Baca berita tanpa iklan. Gabung Kompas.com+

Mungkinkah Manusia dan Primata Menjalin Persahabatan yang Tulus?

Kompas.com - 05/12/2017, 20:45 WIB
Gloria Setyvani Putri

Penulis


KOMPAS.com - Belakangan beredar video bocah laki-laki yang berusia sekitar satu tahun asal India Tenggara akrab dengan kelompok monyet.

Dalam video tersebut, bocah ini terlihat sangat nyaman dikelilingi beberapa monyet abu-abu (Semnopithecus).

Tidak ada ketakutan saat dia duduk dikelilingi para monyet, bermain petak umpet di dalam rumah, bahkan anak ini berani memegang ekor monyet.

Acap kali, monyet-monyet itu melompati anak ini. Monyet yang juga disebut monyet hanoman ini memang memiliki populasi tinggi di India.

Dalam pemberitaan media lokal, hubungan bocah laki-laki dengan para monyet itu digambarkan sebagai persahabatan luar biasa.

Selain bocah asal India, hubungan akrab manusia dan monyet sudah beberapa kali ditemukan.

Dari beberapa peristiwa itu, banyak orang mempercayai bahwa primata dapat membantu manusia jika dibutuhkan.

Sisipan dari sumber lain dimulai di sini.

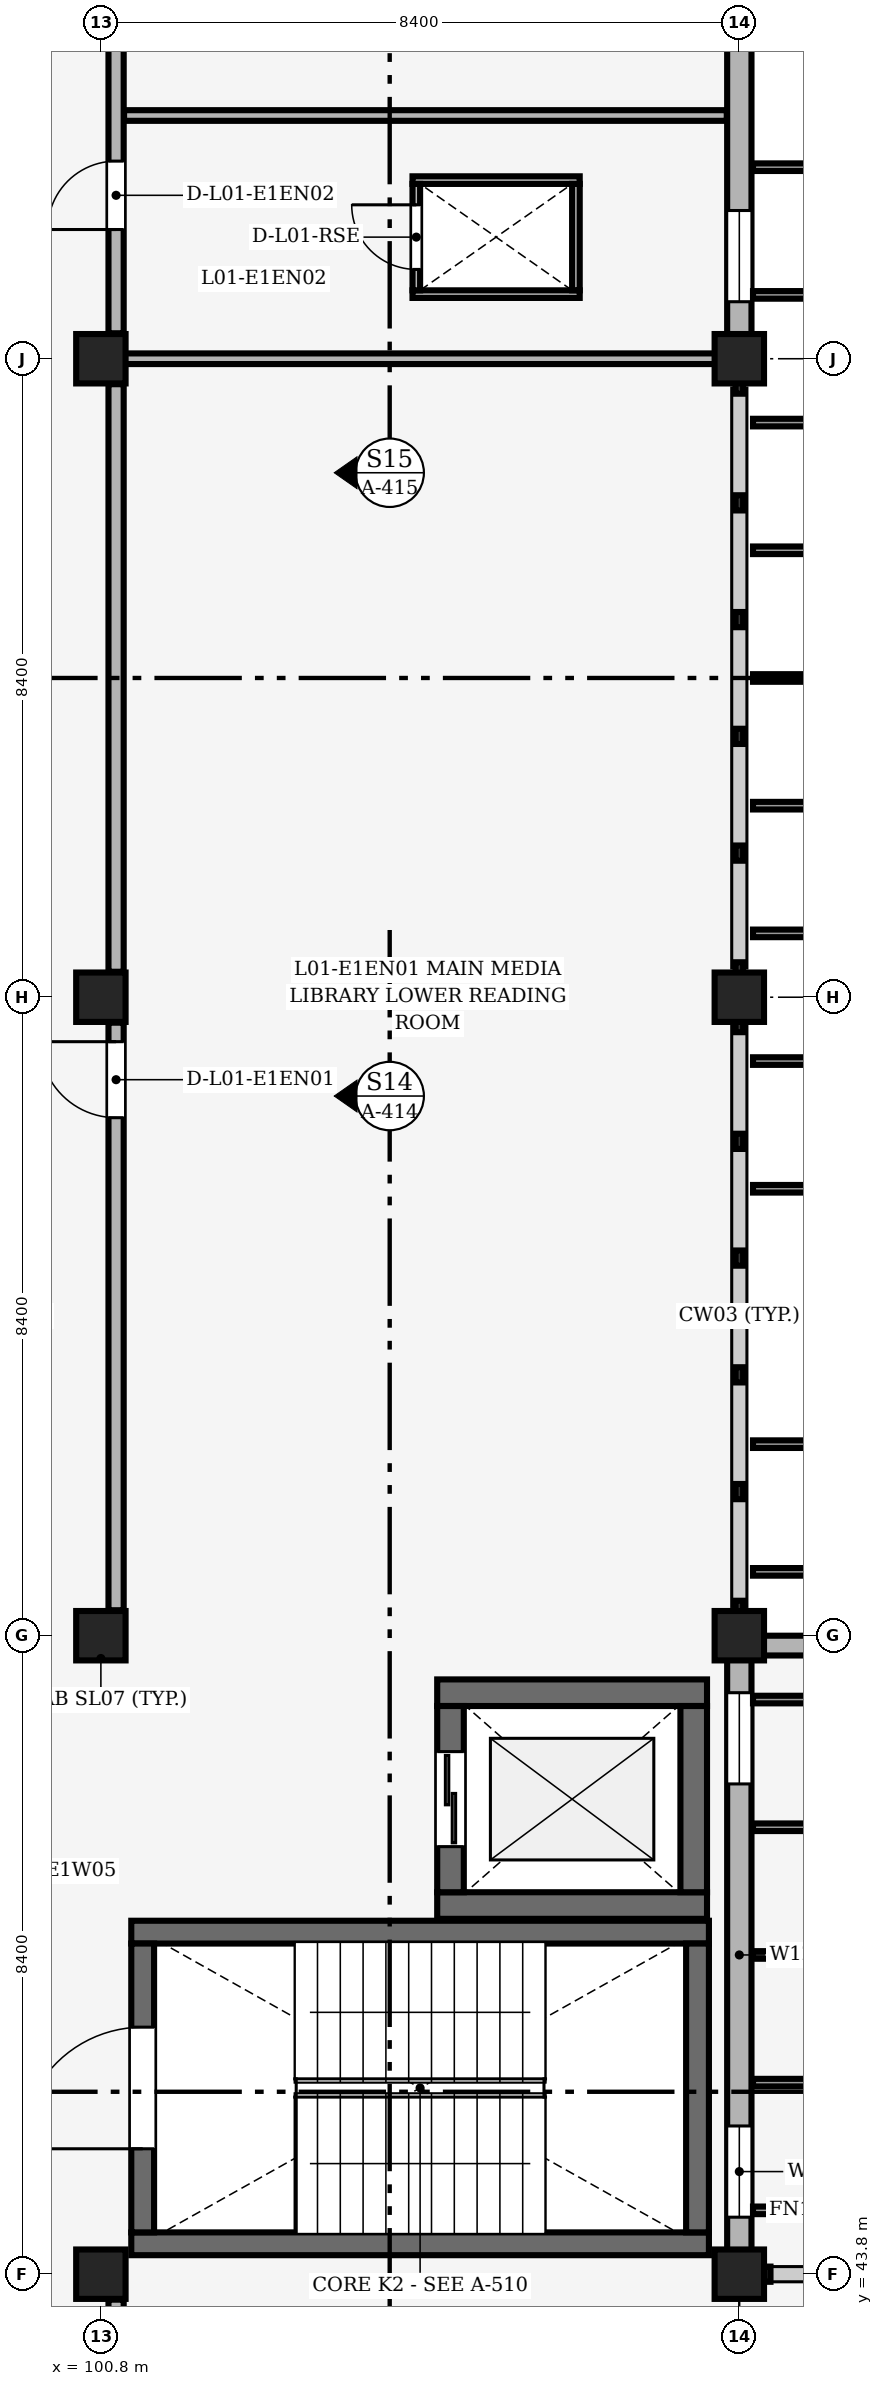
"""IFC4 building model, lengths in metres.
Left out: names, types, materials, properties, quantities, classifications, styles, units other than length and angle.
Written with IfcOpenShell. Run it as: python <this file> out.ifc"""

import sys

from ifc_helpers import new_model, si_unit, direction, frame, frame_2d, origin, origin_2d, place, context, subcontext, project, spatial, rectangle, extrude, element, fill, save


model = new_model("IFC4")
c1 = context("Model", 3, precision=1e-05, world=origin(), true_north=direction((0.0, 1.0)))
c2 = subcontext(c1, "Body", "Model", "MODEL_VIEW")
j1 = project(units=[si_unit("LENGTHUNIT", "METRE"), si_unit("PLANEANGLEUNIT", "RADIAN")], contexts=[c1])
p1 = place(None, origin())
s1 = spatial("IfcSite", under=j1, at=p1, CompositionType="ELEMENT")
p2 = place(p1, origin())
s2 = spatial("IfcBuilding", under=s1, at=p2, CompositionType="ELEMENT")
p3 = place(p2, frame((0.0, 0.0, 4.8)))
s3 = spatial("IfcBuildingStorey", under=s2, at=p3, CompositionType="ELEMENT", Elevation=4.8)
for number, where, z_axis, x_axis in (
    (1, (100.8, 43.8, 0.0), (0.0, 0.0, 1.0), (1.0, 0.0, 0.0)),
    (2, (100.8, 52.2, 0.0), (0.0, 0.0, 1.0), (1.0, 0.0, 0.0)),
    (3, (100.8, 60.6, 0.0), (0.0, 0.0, 1.0), (1.0, 0.0, 0.0)),
    (4, (100.8, 69.0, 0.0), (0.0, 0.0, 1.0), (1.0, 0.0, 0.0)),
    (5, (109.2, 43.8, 0.0), (0.0, 0.0, 1.0), (1.0, 0.0, 0.0)),
    (6, (109.2, 52.2, 0.0), (0.0, 0.0, 1.0), (1.0, 0.0, 0.0)),
    (7, (109.2, 60.6, 0.0), (0.0, 0.0, 1.0), (1.0, 0.0, 0.0)),
    (8, (109.2, 69.0, 0.0), (0.0, 0.0, 1.0), (1.0, 0.0, 0.0)),
):
    element("IfcColumn", number, at=place(p3, frame(where, z_axis=z_axis, x_axis=x_axis)), inside=s3, PredefinedType="COLUMN", context=c2, shape_type="SweptSolid", body=[
        extrude(rectangle(XDim=0.65, YDim=0.65, at=origin_2d()), origin(), (0.0, 0.0, 1.0), 4.2),
    ])
p4 = place(p3, frame((109.2, 44.1, 0.0), z_axis=(0.0, 0.0, 1.0), x_axis=(0.0, 1.0, 0.0)))
e9 = element("IfcWall", 9, at=p4, inside=s3, PredefinedType="SOLIDWALL", context=c2, shape_type="SweptSolid", body=[
    extrude(rectangle(XDim=7.8, YDim=0.32, at=frame_2d((3.9, 0.0))), origin(), (0.0, 0.0, 1.0), 3.3),
])
p5 = place(p4, frame((0.45, 0.0, 0.85)))
e10 = element("IfcOpeningElement", 10, at=p5, cuts=e9, PredefinedType="OPENING", context=c2, shape_type="SweptSolid", body=[
    extrude(rectangle(XDim=1.2, YDim=1.8, at=frame_2d((0.6, 0.9))), frame((0.0, 0.17, 0.0), z_axis=(0.0, -1.0, 0.0), x_axis=(1.0, 0.0, 0.0)), (0.0, 0.0, 1.0), 0.34),
])
p6 = place(p4, frame((6.15, 0.0, 0.85)))
e11 = element("IfcOpeningElement", 11, at=p6, cuts=e9, PredefinedType="OPENING", context=c2, shape_type="SweptSolid", body=[
    extrude(rectangle(XDim=1.2, YDim=1.8, at=frame_2d((0.6, 0.9))), frame((0.0, 0.17, 0.0), z_axis=(0.0, -1.0, 0.0), x_axis=(1.0, 0.0, 0.0)), (0.0, 0.0, 1.0), 0.34),
])
p7 = place(p3, frame((109.2, 69.3, 0.0), z_axis=(0.0, 0.0, 1.0), x_axis=(0.0, 1.0, 0.0)))
e12 = element("IfcWall", 12, at=p7, inside=s3, PredefinedType="SOLIDWALL", context=c2, shape_type="SweptSolid", body=[
    extrude(rectangle(XDim=7.8, YDim=0.32, at=frame_2d((3.9, 0.0))), origin(), (0.0, 0.0, 1.0), 3.25),
])
p8 = place(p7, frame((0.45, 0.0, 0.85)))
e13 = element("IfcOpeningElement", 13, at=p8, cuts=e12, PredefinedType="OPENING", context=c2, shape_type="SweptSolid", body=[
    extrude(rectangle(XDim=1.2, YDim=1.8, at=frame_2d((0.6, 0.9))), frame((0.0, 0.17, 0.0), z_axis=(0.0, -1.0, 0.0), x_axis=(1.0, 0.0, 0.0)), (0.0, 0.0, 1.0), 0.34),
])
p9 = place(p7, frame((6.15, 0.0, 0.85)))
e14 = element("IfcOpeningElement", 14, at=p9, cuts=e12, PredefinedType="OPENING", context=c2, shape_type="SweptSolid", body=[
    extrude(rectangle(XDim=1.2, YDim=1.8, at=frame_2d((0.6, 0.9))), frame((0.0, 0.17, 0.0), z_axis=(0.0, -1.0, 0.0), x_axis=(1.0, 0.0, 0.0)), (0.0, 0.0, 1.0), 0.34),
])
p10 = place(p3, frame((109.33, 52.07, 0.0), z_axis=(0.0, 0.0, 1.0), x_axis=(1.0, 0.0, 0.0)))
e15 = element("IfcWall", 15, at=p10, inside=s3, PredefinedType="PARAPET", context=c2, shape_type="SweptSolid", body=[
    extrude(rectangle(XDim=33.34, YDim=0.26, at=frame_2d((16.67, 0.0))), origin(), (0.0, 0.0, 1.0), 0.85),
])
for number, where, z_axis, x_axis in (
    (16, (101.2, 44.2, 0.0), (0.0, 0.0, 1.0), (1.0, 0.0, 0.0)),
    (17, (101.2, 48.3, 0.0), (0.0, 0.0, 1.0), (1.0, 0.0, 0.0)),
):
    element("IfcWall", number, at=place(p3, frame(where, z_axis=z_axis, x_axis=x_axis)), inside=s3, PredefinedType="SHEAR", context=c2, shape_type="SweptSolid", body=[
        extrude(rectangle(XDim=7.6, YDim=0.3, at=frame_2d((3.8, 0.0))), origin(), (0.0, 0.0, 1.0), 4.025),
    ])
p11 = place(p3, frame((101.35, 44.35, 0.0), z_axis=(0.0, 0.0, 1.0), x_axis=(0.0, 1.0, 0.0)))
e18 = element("IfcWall", 18, at=p11, inside=s3, PredefinedType="SHEAR", context=c2, shape_type="SweptSolid", body=[
    extrude(rectangle(XDim=3.8, YDim=0.3, at=frame_2d((1.9, 0.0))), origin(), (0.0, 0.0, 1.0), 4.025),
])
p12 = place(p11, frame((1.1, 0.0, 0.0)))
e19 = element("IfcOpeningElement", 19, at=p12, cuts=e18, PredefinedType="OPENING", context=c2, shape_type="SweptSolid", body=[
    extrude(rectangle(XDim=1.6, YDim=2.2, at=frame_2d((0.8, 1.1))), frame((0.0, 0.16, 0.0), z_axis=(0.0, -1.0, 0.0), x_axis=(1.0, 0.0, 0.0)), (0.0, 0.0, 1.0), 0.32),
])
p13 = place(p3, frame((108.65, 44.35, 0.0), z_axis=(0.0, 0.0, 1.0), x_axis=(0.0, 1.0, 0.0)))
e20 = element("IfcWall", 20, at=p13, inside=s3, PredefinedType="SHEAR", context=c2, shape_type="SweptSolid", body=[
    extrude(rectangle(XDim=3.8, YDim=0.3, at=frame_2d((1.9, 0.0))), origin(), (0.0, 0.0, 1.0), 4.025),
])
for number, where, z_axis, x_axis in (
    (21, (105.225, 48.65, 0.0), (0.0, 0.0, 1.0), (1.0, 0.0, 0.0)),
    (22, (105.225, 51.45, 0.0), (0.0, 0.0, 1.0), (1.0, 0.0, 0.0)),
):
    element("IfcWall", number, at=place(p3, frame(where, z_axis=z_axis, x_axis=x_axis)), inside=s3, PredefinedType="SHEAR", context=c2, shape_type="SweptSolid", body=[
        extrude(rectangle(XDim=3.55, YDim=0.35, at=frame_2d((1.775, 0.0))), origin(), (0.0, 0.0, 1.0), 3.92),
    ])
p14 = place(p3, frame((105.4, 48.825, 0.0), z_axis=(0.0, 0.0, 1.0), x_axis=(0.0, 1.0, 0.0)))
e23 = element("IfcWall", 23, at=p14, inside=s3, PredefinedType="SHEAR", context=c2, shape_type="SweptSolid", body=[
    extrude(rectangle(XDim=2.45, YDim=0.35, at=frame_2d((1.225, 0.0))), origin(), (0.0, 0.0, 1.0), 3.92),
])
p15 = place(p14, frame((0.6, 0.0, 0.0)))
e24 = element("IfcOpeningElement", 24, at=p15, cuts=e23, PredefinedType="OPENING", context=c2, shape_type="SweptSolid", body=[
    extrude(rectangle(XDim=1.25, YDim=2.25, at=frame_2d((0.625, 1.125))), frame((0.0, 0.185, 0.0), z_axis=(0.0, -1.0, 0.0), x_axis=(1.0, 0.0, 0.0)), (0.0, 0.0, 1.0), 0.37),
])
p16 = place(p3, frame((108.6, 48.825, 0.0), z_axis=(0.0, 0.0, 1.0), x_axis=(0.0, 1.0, 0.0)))
e25 = element("IfcWall", 25, at=p16, inside=s3, PredefinedType="SHEAR", context=c2, shape_type="SweptSolid", body=[
    extrude(rectangle(XDim=2.45, YDim=0.35, at=frame_2d((1.225, 0.0))), origin(), (0.0, 0.0, 1.0), 3.92),
])
for number, where, z_axis, x_axis in (
    (26, (104.9, 69.85, 0.0), (0.0, 0.0, 1.0), (1.0, 0.0, 0.0)),
    (27, (104.9, 71.35, 0.0), (0.0, 0.0, 1.0), (1.0, 0.0, 0.0)),
):
    element("IfcWall", number, at=place(p3, frame(where, z_axis=z_axis, x_axis=x_axis)), inside=s3, PredefinedType="PARTITIONING", context=c2, shape_type="SweptSolid", body=[
        extrude(rectangle(XDim=2.2, YDim=0.1, at=frame_2d((1.1, 0.0))), origin(), (0.0, 0.0, 1.0), 3.9),
    ])
p17 = place(p3, frame((104.95, 69.9, 0.0), z_axis=(0.0, 0.0, 1.0), x_axis=(0.0, 1.0, 0.0)))
e28 = element("IfcWall", 28, at=p17, inside=s3, PredefinedType="PARTITIONING", context=c2, shape_type="SweptSolid", body=[
    extrude(rectangle(XDim=1.4, YDim=0.1, at=frame_2d((0.7, 0.0))), origin(), (0.0, 0.0, 1.0), 3.9),
])
p18 = place(p17, frame((0.275, 0.0, 0.0)))
e29 = element("IfcOpeningElement", 29, at=p18, cuts=e28, PredefinedType="OPENING", context=c2, shape_type="SweptSolid", body=[
    extrude(rectangle(XDim=0.85, YDim=2.05, at=frame_2d((0.425, 1.025))), frame((0.0, 0.06, 0.0), z_axis=(0.0, -1.0, 0.0), x_axis=(1.0, 0.0, 0.0)), (0.0, 0.0, 1.0), 0.12),
])
p19 = place(p3, frame((107.05, 69.9, 0.0), z_axis=(0.0, 0.0, 1.0), x_axis=(0.0, 1.0, 0.0)))
e30 = element("IfcWall", 30, at=p19, inside=s3, PredefinedType="PARTITIONING", context=c2, shape_type="SweptSolid", body=[
    extrude(rectangle(XDim=1.4, YDim=0.1, at=frame_2d((0.7, 0.0))), origin(), (0.0, 0.0, 1.0), 3.9),
])
p20 = place(p3, frame((101.0, 35.735, 0.0), z_axis=(0.0, 0.0, 1.0), x_axis=(0.0, 1.0, 0.0)))
e31 = element("IfcWall", 31, at=p20, inside=s3, PredefinedType="PARTITIONING", context=c2, shape_type="SweptSolid", body=[
    extrude(rectangle(XDim=7.73, YDim=0.2, at=frame_2d((3.865, 0.0))), origin(), (0.0, 0.0, 1.0), 3.1),
])
p21 = place(p20, frame((1.14, 0.0, 0.0)))
e32 = element("IfcOpeningElement", 32, at=p21, cuts=e31, PredefinedType="OPENING", context=c2, shape_type="SweptSolid", body=[
    extrude(rectangle(XDim=1.05, YDim=2.2, at=frame_2d((0.525, 1.1))), frame((0.0, 0.11, 0.0), z_axis=(0.0, -1.0, 0.0), x_axis=(1.0, 0.0, 0.0)), (0.0, 0.0, 1.0), 0.22),
])
p22 = place(p3, frame((101.105, 69.0, 0.0), z_axis=(0.0, 0.0, 1.0), x_axis=(1.0, 0.0, 0.0)))
e33 = element("IfcWall", 33, at=p22, inside=s3, PredefinedType="PARTITIONING", context=c2, shape_type="SweptSolid", body=[
    extrude(rectangle(XDim=7.99, YDim=0.14, at=frame_2d((3.995, 0.0))), origin(), (0.0, 0.0, 1.0), 3.15),
])
p23 = place(p3, frame((101.105, 72.2, 0.0), z_axis=(0.0, 0.0, 1.0), x_axis=(1.0, 0.0, 0.0)))
e34 = element("IfcWall", 34, at=p23, inside=s3, PredefinedType="PARTITIONING", context=c2, shape_type="SweptSolid", body=[
    extrude(rectangle(XDim=7.93, YDim=0.14, at=frame_2d((3.965, 0.0))), origin(), (0.0, 0.0, 1.0), 3.9),
])
p24 = place(p3, frame((101.0, 52.535, 0.0), z_axis=(0.0, 0.0, 1.0), x_axis=(0.0, 1.0, 0.0)))
e35 = element("IfcWall", 35, at=p24, inside=s3, PredefinedType="PARTITIONING", context=c2, shape_type="SweptSolid", body=[
    extrude(rectangle(XDim=7.73, YDim=0.2, at=frame_2d((3.865, 0.0))), origin(), (0.0, 0.0, 1.0), 3.1),
])
p25 = place(p24, frame((6.48, 0.0, 0.0)))
e36 = element("IfcOpeningElement", 36, at=p25, cuts=e35, PredefinedType="OPENING", context=c2, shape_type="SweptSolid", body=[
    extrude(rectangle(XDim=1.0, YDim=2.15, at=frame_2d((0.5, 1.075))), frame((0.0, 0.11, 0.0), z_axis=(0.0, -1.0, 0.0), x_axis=(1.0, 0.0, 0.0)), (0.0, 0.0, 1.0), 0.22),
])
p26 = place(p3, frame((101.0, 60.935, 0.0), z_axis=(0.0, 0.0, 1.0), x_axis=(0.0, 1.0, 0.0)))
e37 = element("IfcWall", 37, at=p26, inside=s3, PredefinedType="PARTITIONING", context=c2, shape_type="SweptSolid", body=[
    extrude(rectangle(XDim=7.73, YDim=0.2, at=frame_2d((3.865, 0.0))), origin(), (0.0, 0.0, 1.0), 3.05),
])
p27 = place(p3, frame((101.0, 69.335, 0.0), z_axis=(0.0, 0.0, 1.0), x_axis=(0.0, 1.0, 0.0)))
e38 = element("IfcWall", 38, at=p27, inside=s3, PredefinedType="PARTITIONING", context=c2, shape_type="SweptSolid", body=[
    extrude(rectangle(XDim=7.73, YDim=0.2, at=frame_2d((3.865, 0.0))), origin(), (0.0, 0.0, 1.0), 3.05),
])
p28 = place(p27, frame((1.365, 0.0, 0.0)))
e39 = element("IfcOpeningElement", 39, at=p28, cuts=e38, PredefinedType="OPENING", context=c2, shape_type="SweptSolid", body=[
    extrude(rectangle(XDim=0.9, YDim=2.1, at=frame_2d((0.45, 1.05))), frame((0.0, 0.11, 0.0), z_axis=(0.0, -1.0, 0.0), x_axis=(1.0, 0.0, 0.0)), (0.0, 0.0, 1.0), 0.22),
])
p29 = place(p27, frame((4.94, 0.0, 0.0)))
e40 = element("IfcOpeningElement", 40, at=p29, cuts=e38, PredefinedType="OPENING", context=c2, shape_type="SweptSolid", body=[
    extrude(rectangle(XDim=1.05, YDim=2.2, at=frame_2d((0.525, 1.1))), frame((0.0, 0.11, 0.0), z_axis=(0.0, -1.0, 0.0), x_axis=(1.0, 0.0, 0.0)), (0.0, 0.0, 1.0), 0.22),
])
p30 = place(p5, origin())
e41 = element("IfcWindow", 41, at=p30, inside=s3, PartitioningType="SINGLE_PANEL", PredefinedType="WINDOW", context=c2, shape_type="SweptSolid", body=[
    extrude(rectangle(XDim=1.2, YDim=1.8, at=frame_2d((0.6, 0.9))), frame((0.0, 0.03, 0.0), z_axis=(0.0, -1.0, 0.0), x_axis=(1.0, 0.0, 0.0)), (0.0, 0.0, 1.0), 0.06),
])
fill(e10, e41)
p31 = place(p6, origin())
e42 = element("IfcWindow", 42, at=p31, inside=s3, PartitioningType="SINGLE_PANEL", PredefinedType="WINDOW", context=c2, shape_type="SweptSolid", body=[
    extrude(rectangle(XDim=1.2, YDim=1.8, at=frame_2d((0.6, 0.9))), frame((0.0, 0.03, 0.0), z_axis=(0.0, -1.0, 0.0), x_axis=(1.0, 0.0, 0.0)), (0.0, 0.0, 1.0), 0.06),
])
fill(e11, e42)
p32 = place(p8, origin())
e43 = element("IfcWindow", 43, at=p32, inside=s3, PartitioningType="SINGLE_PANEL", PredefinedType="WINDOW", context=c2, shape_type="SweptSolid", body=[
    extrude(rectangle(XDim=1.2, YDim=1.8, at=frame_2d((0.6, 0.9))), frame((0.0, 0.03, 0.0), z_axis=(0.0, -1.0, 0.0), x_axis=(1.0, 0.0, 0.0)), (0.0, 0.0, 1.0), 0.06),
])
fill(e13, e43)
p33 = place(p12, origin())
e44 = element("IfcDoor", 44, at=p33, inside=s3, OperationType="DOUBLE_DOOR_SINGLE_SWING", PredefinedType="DOOR", context=c2, shape_type="SweptSolid", body=[
    extrude(rectangle(XDim=1.6, YDim=2.2, at=frame_2d((0.8, 1.1))), frame((0.0, 0.025, 0.0), z_axis=(0.0, -1.0, 0.0), x_axis=(1.0, 0.0, 0.0)), (0.0, 0.0, 1.0), 0.05),
])
fill(e19, e44)
p34 = place(p15, origin())
e45 = element("IfcDoor", 45, at=p34, inside=s3, OperationType="DOUBLE_DOOR_SLIDING", PredefinedType="DOOR", context=c2, shape_type="SweptSolid", body=[
    extrude(rectangle(XDim=1.25, YDim=2.25, at=frame_2d((0.625, 1.125))), frame((0.0, 0.025, 0.0), z_axis=(0.0, -1.0, 0.0), x_axis=(1.0, 0.0, 0.0)), (0.0, 0.0, 1.0), 0.05),
])
fill(e24, e45)
p35 = place(p18, origin())
e46 = element("IfcDoor", 46, at=p35, inside=s3, OperationType="SINGLE_SWING_RIGHT", PredefinedType="DOOR", context=c2, shape_type="SweptSolid", body=[
    extrude(rectangle(XDim=0.85, YDim=2.05, at=frame_2d((0.425, 1.025))), frame((0.0, 0.025, 0.0), z_axis=(0.0, -1.0, 0.0), x_axis=(1.0, 0.0, 0.0)), (0.0, 0.0, 1.0), 0.05),
])
fill(e29, e46)
p36 = place(p25, origin())
e47 = element("IfcDoor", 47, at=p36, inside=s3, OperationType="SINGLE_SWING_RIGHT", PredefinedType="DOOR", context=c2, shape_type="SweptSolid", body=[
    extrude(rectangle(XDim=1.0, YDim=2.15, at=frame_2d((0.5, 1.075))), frame((0.0, 0.025, 0.0), z_axis=(0.0, -1.0, 0.0), x_axis=(1.0, 0.0, 0.0)), (0.0, 0.0, 1.0), 0.05),
])
fill(e36, e47)
p37 = place(p28, origin())
e48 = element("IfcDoor", 48, at=p37, inside=s3, OperationType="SINGLE_SWING_LEFT", PredefinedType="DOOR", context=c2, shape_type="SweptSolid", body=[
    extrude(rectangle(XDim=0.9, YDim=2.1, at=frame_2d((0.45, 1.05))), frame((0.0, 0.025, 0.0), z_axis=(0.0, -1.0, 0.0), x_axis=(1.0, 0.0, 0.0)), (0.0, 0.0, 1.0), 0.05),
])
fill(e39, e48)
save(model, sys.argv[1])

Baca Juga: Berduka, Monyet Jambul Makan Mayat Anaknya Sendiri

Apakah sains membenarkan pandangan ini?

Para ilmuwan membenarkan bahwa primata merupakan saudara jauh manusia. Tapi di sisi lain para ilmuwan juga menyangsikan monyet juga melihat hal yang sama pada manusia.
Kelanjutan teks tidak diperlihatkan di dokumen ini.